There are no DPI issues with Trebuchet. It is behaving like it should. It's been explained that launchers like Nova use a messy DPI hack to resize the grid accordingly. The easiest fix for 120 DPI is to use the 120 DPI update zip from CM team, since it also replaces Trebuchet with a one that has a proper grid at 120 DPI.


----------



## nevertells (Oct 29, 2011)

gamer765 said:


> There are no DPI issues with Trebuchet. It is behaving like it should. It's been explained that launchers like Nova use a messy DPI hack to resize the grid accordingly. The easiest fix for 120 DPI is to use the 120 DPI update zip from CM team, since it also replaces Trebuchet with a one that has a proper grid at 120 DPI.


Now see, that wasn't so hard was it.


----------



## SaveU (Sep 7, 2011)

gamer765 said:


> There are no DPI issues with Trebuchet. It is behaving like it should. It's been explained that launchers like Nova use a messy DPI hack to resize the grid accordingly. The easiest fix for 120 DPI is to use the 120 DPI update zip from CM team, since it also replaces Trebuchet with a one that has a proper grid at 120 DPI.

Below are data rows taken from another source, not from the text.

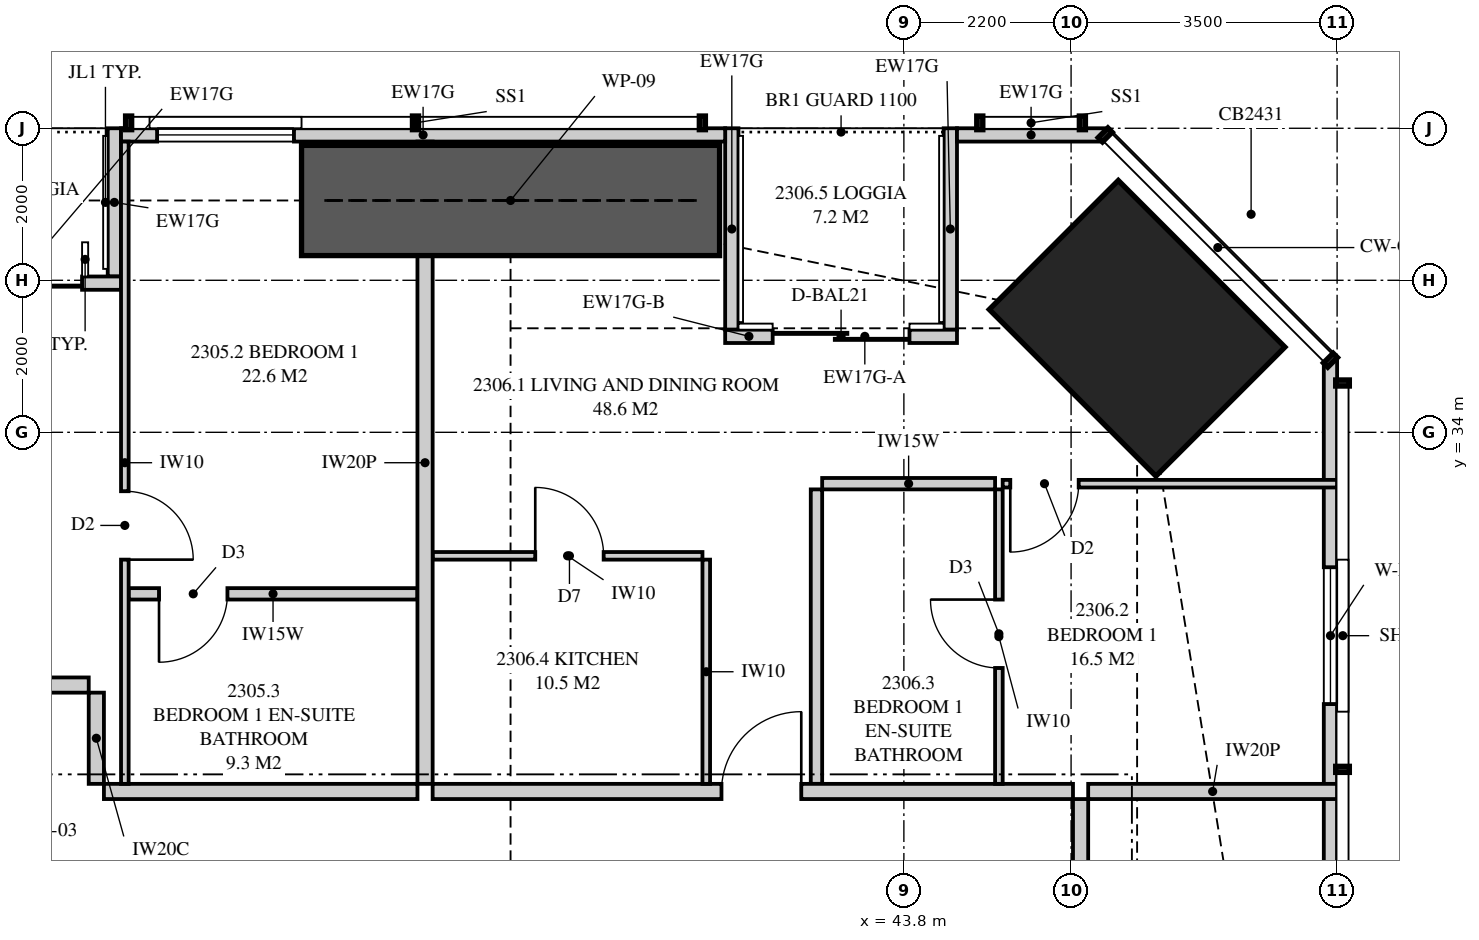
"""IFC4 building model, lengths in metres.
Left out: names, types, materials, properties, quantities, classifications, styles, units other than length and angle.
Written with IfcOpenShell. Run it as: python <this file> out.ifc"""

import sys

from ifc_helpers import new_model, si_unit, direction, frame, frame_2d, origin, origin_2d, place, context, subcontext, project, spatial, polyline, rectangle, hollow_rectangle, outline, extrude, element, fill, save


model = new_model("IFC4")
c1 = context("Model", 3, precision=1e-05, world=origin(), true_north=direction((0.0, 1.0)))
c2 = subcontext(c1, "Body", "Model", "MODEL_VIEW")
j1 = project(units=[si_unit("LENGTHUNIT", "METRE"), si_unit("PLANEANGLEUNIT", "RADIAN")], contexts=[c1])
p1 = place(None, origin())
s1 = spatial("IfcSite", under=j1, at=p1, CompositionType="ELEMENT")
p2 = place(p1, origin())
s2 = spatial("IfcBuilding", under=s1, at=p2, CompositionType="ELEMENT")
p3 = place(p2, frame((0.0, 0.0, 88.1)))
s3 = spatial("IfcBuildingStorey", under=s2, at=p3, CompositionType="ELEMENT", Elevation=88.1)
p4 = place(p3, frame((46.869, 35.369, 0.0), z_axis=(0.0, 0.0, 1.0), x_axis=(-0.707106781187, -0.707106781187, 0.0)))
e1 = element("IfcColumn", 1, at=p4, inside=s3, PredefinedType="COLUMN", context=c2, shape_type="SweptSolid", body=[
    extrude(hollow_rectangle(XDim=2.4, YDim=3.1, WallThickness=0.125, at=origin_2d()), origin(), (0.0, 0.0, 1.0), 3.35),
])
p5 = place(p3, frame((49.413, 3.051, 0.0), z_axis=(0.0, 0.0, 1.0), x_axis=(0.0, 1.0, 0.0)))
e2 = element("IfcWall", 2, at=p5, inside=s3, PredefinedType="SOLIDWALL", context=c2, shape_type="SweptSolid", body=[
    extrude(outline(polyline([(0.0, 0.0), (31.897, 0.0), (31.897, 3.11), (22.167, 3.11), (22.167, 2.15), (22.074, 2.15), (22.074, 3.11), (21.949, 3.11), (21.949, 2.15), (9.949, 2.15), (9.949, 3.11), (9.823, 3.11), (9.823, 2.15), (9.73, 2.15), (9.73, 3.11), (0.0, 3.11), (0.0, 0.0)])), frame((0.0, 0.087, 0.0), z_axis=(0.0, -1.0, 0.0), x_axis=(1.0, 0.0, 0.0)), (0.0, 0.0, 1.0), 0.175),
])
p6 = place(p5, frame((2.224, 0.0, 0.4)))
e3 = element("IfcOpeningElement", 3, at=p6, cuts=e2, PredefinedType="OPENING", context=c2, shape_type="SweptSolid", body=[
    extrude(rectangle(XDim=1.8, YDim=1.7, at=frame_2d((0.9, 0.85))), frame((0.0, 0.097, 0.0), z_axis=(0.0, -1.0, 0.0), x_axis=(1.0, 0.0, 0.0)), (0.0, 0.0, 1.0), 0.195),
])
p7 = place(p5, frame((14.849, 0.0, 0.4)))
e4 = element("IfcOpeningElement", 4, at=p7, cuts=e2, PredefinedType="OPENING", context=c2, shape_type="SweptSolid", body=[
    extrude(rectangle(XDim=1.2, YDim=1.7, at=frame_2d((0.6, 0.85))), frame((0.0, 0.097, 0.0), z_axis=(0.0, -1.0, 0.0), x_axis=(1.0, 0.0, 0.0)), (0.0, 0.0, 1.0), 0.195),
])
p8 = place(p5, frame((27.373, 0.0, 0.4)))
e5 = element("IfcOpeningElement", 5, at=p8, cuts=e2, PredefinedType="OPENING", context=c2, shape_type="SweptSolid", body=[
    extrude(rectangle(XDim=1.8, YDim=1.7, at=frame_2d((0.9, 0.85))), frame((0.0, 0.097, 0.0), z_axis=(0.0, -1.0, 0.0), x_axis=(1.0, 0.0, 0.0)), (0.0, 0.0, 1.0), 0.195),
])
p9 = place(p3, frame((46.449, 37.913, 0.0), z_axis=(0.0, 0.0, 1.0), x_axis=(-1.0, 0.0, 0.0)))
e6 = element("IfcWall", 6, at=p9, inside=s3, PredefinedType="SOLIDWALL", context=c2, shape_type="SweptSolid", body=[
    extrude(rectangle(XDim=1.95, YDim=0.175, at=frame_2d((0.975, 0.0))), origin(), (0.0, 0.0, 1.0), 3.11),
])
p10 = place(p3, frame((41.449, 37.913, 0.0), z_axis=(0.0, 0.0, 1.0), x_axis=(-1.0, 0.0, 0.0)))
e7 = element("IfcWall", 7, at=p10, inside=s3, PredefinedType="SOLIDWALL", context=c2, shape_type="SweptSolid", body=[
    extrude(outline(polyline([(0.0, 0.0), (7.949, 0.0), (7.949, 2.15), (2.824, 2.15), (2.824, 3.11), (2.666, 3.11), (2.666, 2.15), (2.62, 2.15), (2.62, 3.11), (0.0, 3.11), (0.0, 0.0)])), frame((0.0, 0.087, 0.0), z_axis=(0.0, -1.0, 0.0), x_axis=(1.0, 0.0, 0.0)), (0.0, 0.0, 1.0), 0.175),
])
p11 = place(p10, frame((5.674, 0.0, 0.4)))
e8 = element("IfcOpeningElement", 8, at=p11, cuts=e7, PredefinedType="OPENING", context=c2, shape_type="SweptSolid", body=[
    extrude(rectangle(XDim=1.8, YDim=1.7, at=frame_2d((0.9, 0.85))), frame((0.0, 0.097, 0.0), z_axis=(0.0, -1.0, 0.0), x_axis=(1.0, 0.0, 0.0)), (0.0, 0.0, 1.0), 0.195),
])
p12 = place(p3, frame((44.499, 35.262, 0.0), z_axis=(0.0, 0.0, 1.0), x_axis=(-1.0, 0.0, 0.0)))
e9 = element("IfcWall", 9, at=p12, inside=s3, PredefinedType="SOLIDWALL", context=c2, shape_type="SweptSolid", body=[
    extrude(rectangle(XDim=2.425, YDim=0.175, at=frame_2d((1.212, 0.0))), origin(), (0.0, 0.0, 1.0), 2.15),
])
p13 = place(p12, frame((0.625, 0.0, 0.0)))
e10 = element("IfcOpeningElement", 10, at=p13, cuts=e9, PredefinedType="OPENING", context=c2, shape_type="SweptSolid", body=[
    extrude(rectangle(XDim=1.8, YDim=2.1, at=frame_2d((0.9, 1.05))), frame((0.0, 0.097, 0.0), z_axis=(0.0, -1.0, 0.0), x_axis=(1.0, 0.0, 0.0)), (0.0, 0.0, 1.0), 0.195),
])
p14 = place(p3, frame((42.074, 35.262, 0.0), z_axis=(0.0, 0.0, 1.0), x_axis=(-1.0, 0.0, 0.0)))
e11 = element("IfcWall", 11, at=p14, inside=s3, PredefinedType="SOLIDWALL", context=c2, shape_type="SweptSolid", body=[
    extrude(rectangle(XDim=0.625, YDim=0.175, at=frame_2d((0.312, 0.0))), origin(), (0.0, 0.0, 1.0), 2.51),
])
p15 = place(p3, frame((44.411, 38.0, 0.0), z_axis=(0.0, 0.0, 1.0), x_axis=(0.0, -1.0, 0.0)))
e12 = element("IfcWall", 12, at=p15, inside=s3, PredefinedType="SOLIDWALL", context=c2, shape_type="SweptSolid", body=[
    extrude(outline(polyline([(0.0, 0.0), (2.65, 0.0), (2.65, 2.15), (1.296, 2.15), (1.296, 3.11), (0.0, 3.11), (0.0, 0.0)])), frame((0.0, 0.087, 0.0), z_axis=(0.0, -1.0, 0.0), x_axis=(1.0, 0.0, 0.0)), (0.0, 0.0, 1.0), 0.175),
])
p16 = place(p3, frame((41.536, 38.0, 0.0), z_axis=(0.0, 0.0, 1.0), x_axis=(0.0, -1.0, 0.0)))
e13 = element("IfcWall", 13, at=p16, inside=s3, PredefinedType="SOLIDWALL", context=c2, shape_type="SweptSolid", body=[
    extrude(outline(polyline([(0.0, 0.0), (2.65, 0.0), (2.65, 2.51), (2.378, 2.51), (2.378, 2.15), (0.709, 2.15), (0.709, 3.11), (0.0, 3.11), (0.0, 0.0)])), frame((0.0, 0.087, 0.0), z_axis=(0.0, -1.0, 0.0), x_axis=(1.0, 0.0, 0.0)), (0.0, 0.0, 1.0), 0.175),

Thank you for the information.

http://rootzwiki.com/topic/18843-releasealpha2-cyanogenmod-9-touchpad/

well look here. I'm guessing you are referencing to the download on this page.

I was just having a problem with searching for 3 letter/digit terms.  such as 120 or DPI
but Trebuchet brought me there.

Once again, thanks for the help...I felt like I was bashing my head against a wall. I knew the info was right there in front of me, but for some reason I couldn't reach it.

Thanks Gamer765


----------



## Darthwickett (Feb 27, 2012)

gamer765 said:


> There are no DPI issues with Trebuchet. It is behaving like it should. It's been explained that launchers like Nova use a messy DPI hack to resize the grid accordingly. The easiest fix for 120 DPI is to use the 120 DPI update zip from CM team, since it also replaces Trebuchet with a one that has a proper grid at 120 DPI.


And 132, since that is what the Touchpad actually has? From a programming standpoint, what Nova does to achieve a usable grid may be messy, but from a user's standpoint, it just works. I'm sorry, but when a program that has its primary purpose be to display a grid of icons has icons go off the screen, that is not behaving as it should.


----------



## gamer765 (Aug 26, 2011)

Darthwickett said:


> And 132, since that is what the Touchpad actually has? From a programming standpoint, what Nova does to achieve a usable grid may be messy, but from a user's standpoint, it just works. I'm sorry, but when a program that has its primary purpose be to display a grid of icons has icons go off the screen, that is not behaving as it should.


You clearly don't understand at all, do you? To you, it may seem like its not doing what it should, but its doing exactly what it should.


----------



## Darthwickett (Feb 27, 2012)

So explain, instead of leaving condescending barely-responses. Out of the box, Trebuchet does not respond well to DPI adjustments, and loses part of the grid off screen if tablet orientation changes. How is that "doing what it should"? If my computer's desktop decided to shift icons off to the top left of my screen so that they were barely visible if my screen resolution were to change, it would be reasonable to assume that there is a problem.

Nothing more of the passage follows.